The initial capital investments are huge and success is not guaranteed because the amount of gas that can be produced depends not only on the correct depth, but on the thickness and lateral continuity of the coal, the level of permeability that is controlled by the amount of fracturing or cleats, and other barriers such as impermeable layers and faults or folds that keep the gas trapped within the coal seam.

"The key to coal bed methane production is a large land position, as it requires a large coal seam to make the play economic," says Jeffery. CBM extraction also requires twice as many wells as a natural gas play. Instead of one hole per 640 acres, CBM demands as many as one well every 80 acres, costing between C$100,000 to 400,000 per well.

The challenge for all the companies involved in CBM extraction is clearly to achieve economies of scale to be competitive with U.S. producers who have drilled more than 13,000 wells since 1990 and

produced 3.5 billion cubic feet of gas per day last year.

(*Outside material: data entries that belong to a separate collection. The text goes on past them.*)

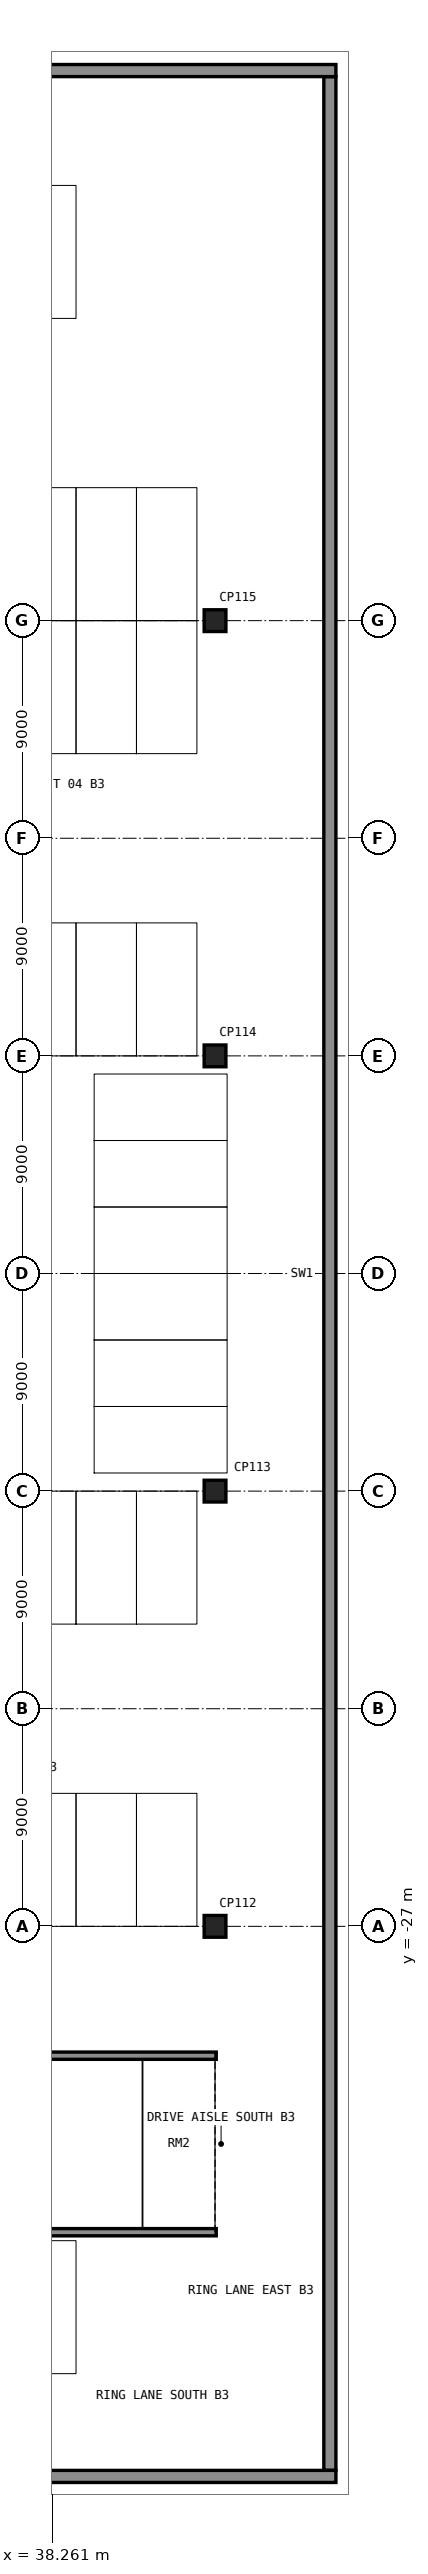
"""IFC4 building model, lengths in metres.
Left out: names, types, materials, properties, quantities, classifications, styles, units other than length and angle.
Written with IfcOpenShell. Run it as: python <this file> out.ifc"""

import sys

from ifc_helpers import new_model, si_unit, direction, frame, frame_2d, origin, origin_2d, place, context, subcontext, project, spatial, rectangle, extrude, element, save


model = new_model("IFC4")
c1 = context("Model", 3, precision=1e-05, world=origin(), true_north=direction((0.0, 1.0)))
c2 = subcontext(c1, "Body", "Model", "MODEL_VIEW")
j1 = project(units=[si_unit("LENGTHUNIT", "METRE"), si_unit("PLANEANGLEUNIT", "RADIAN")], contexts=[c1])
p1 = place(None, origin())
s1 = spatial("IfcSite", under=j1, at=p1, CompositionType="ELEMENT")
p2 = place(p1, origin())
s2 = spatial("IfcBuilding", under=s1, at=p2, CompositionType="ELEMENT")
p3 = place(p2, frame((0.0, 0.0, -12.9)))
s3 = spatial("IfcBuildingStorey", under=s2, at=p3, CompositionType="ELEMENT", Elevation=-12.9)
for number, where, z_axis, x_axis in (
    (1, (-50.0, 49.75, -0.3), (0.0, 0.0, 1.0), (1.0, 0.0, 0.0)),
    (2, (-50.0, -49.75, -0.3), (0.0, 0.0, 1.0), (1.0, 0.0, 0.0)),
):
    element("IfcWall", number, at=place(p3, frame(where, z_axis=z_axis, x_axis=x_axis)), inside=s3, PredefinedType="SOLIDWALL", context=c2, shape_type="SweptSolid", body=[
        extrude(rectangle(XDim=100.0, YDim=0.5, at=frame_2d((50.0, 0.0))), origin(), (0.0, 0.0, 1.0), 4.2),
    ])
p4 = place(p3, frame((49.75, -49.5, -0.3), z_axis=(0.0, 0.0, 1.0), x_axis=(0.0, 1.0, 0.0)))
e3 = element("IfcWall", 3, at=p4, inside=s3, PredefinedType="SOLIDWALL", context=c2, shape_type="SweptSolid", body=[
    extrude(rectangle(XDim=99.0, YDim=0.5, at=frame_2d((49.5, 0.0))), origin(), (0.0, 0.0, 1.0), 4.2),
])
for number, where, z_axis, x_axis in (
    (4, (45.0, -27.0, -0.3), (0.0, 0.0, 1.0), (1.0, 0.0, 0.0)),
    (5, (45.0, -9.0, -0.3), (0.0, 0.0, 1.0), (1.0, 0.0, 0.0)),
    (6, (45.0, 9.0, -0.3), (0.0, 0.0, 1.0), (1.0, 0.0, 0.0)),
    (7, (45.0, 27.0, -0.3), (0.0, 0.0, 1.0), (1.0, 0.0, 0.0)),
):
    element("IfcColumn", number, at=place(p3, frame(where, z_axis=z_axis, x_axis=x_axis)), inside=s3, PredefinedType="COLUMN", context=c2, shape_type="SweptSolid", body=[
        extrude(rectangle(XDim=0.9, YDim=0.9, at=origin_2d()), origin(), (0.0, 0.0, 1.0), 4.2),
    ])
for number, where, z_axis, x_axis in (
    (8, (10.5, -39.65, 0.0), (0.0, 0.0, 1.0), (1.0, 0.0, 0.0)),
    (9, (10.5, -32.35, 0.0), (0.0, 0.0, 1.0), (1.0, 0.0, 0.0)),
):
    element("IfcWall", number, at=place(p3, frame(where, z_axis=z_axis, x_axis=x_axis)), inside=s3, PredefinedType="SOLIDWALL", context=c2, shape_type="SweptSolid", body=[
        extrude(rectangle(XDim=34.55, YDim=0.3, at=frame_2d((17.275, 0.0))), origin(), (0.0, 0.0, 1.0), 4.2),
    ])
save(model, sys.argv[1])

Drilling wells cheaply and efficiently is what will make or break economies. Several Canadian technologies, such as coil tubing and horizontal drilling, will help with the tricky task. But they will have to be modified to deal with the uncertain nature of CBM.

New Technology

For almost six years, the Alberta Research Council has been working with the Canadian, U.S. and other governments to enhance methane recovery by injecting carbon dioxide from large producers of greenhouse gases into coal beds. The technique has helped increase recovery from the San Juan coal beds, but research in Alberta is still inconclusive.

The process is called enhanced coal bed methane recovery and is similar to the popular practices of using CO 2 injection to enhance

production from oil reservoirs. In this method the injected CO 2 is

absorbed by the coal and stored in the pore matrix of the coal seams, releasing the trapped methane that can be sold for a profit. The process results in two or three molecules of CO 2 absorbed for each

molecule of methane released. In this closed process, the CO2

produced from the coal-burning or methane-burning power plants is injected into the CBM reservoirs to produce more methane, and the cycle continues.

Speculation is that over the next five years Canada could see as many as 1000 CBM wells and the gas play could be as large as 1 billion cubic feet -- significantly less than the Canadian Gas Potential Committee's estimates of up to 486 tcf leading some to speculate that CBM will not offset North America's dwindling natural gas reserves in any significant way. Time will tell.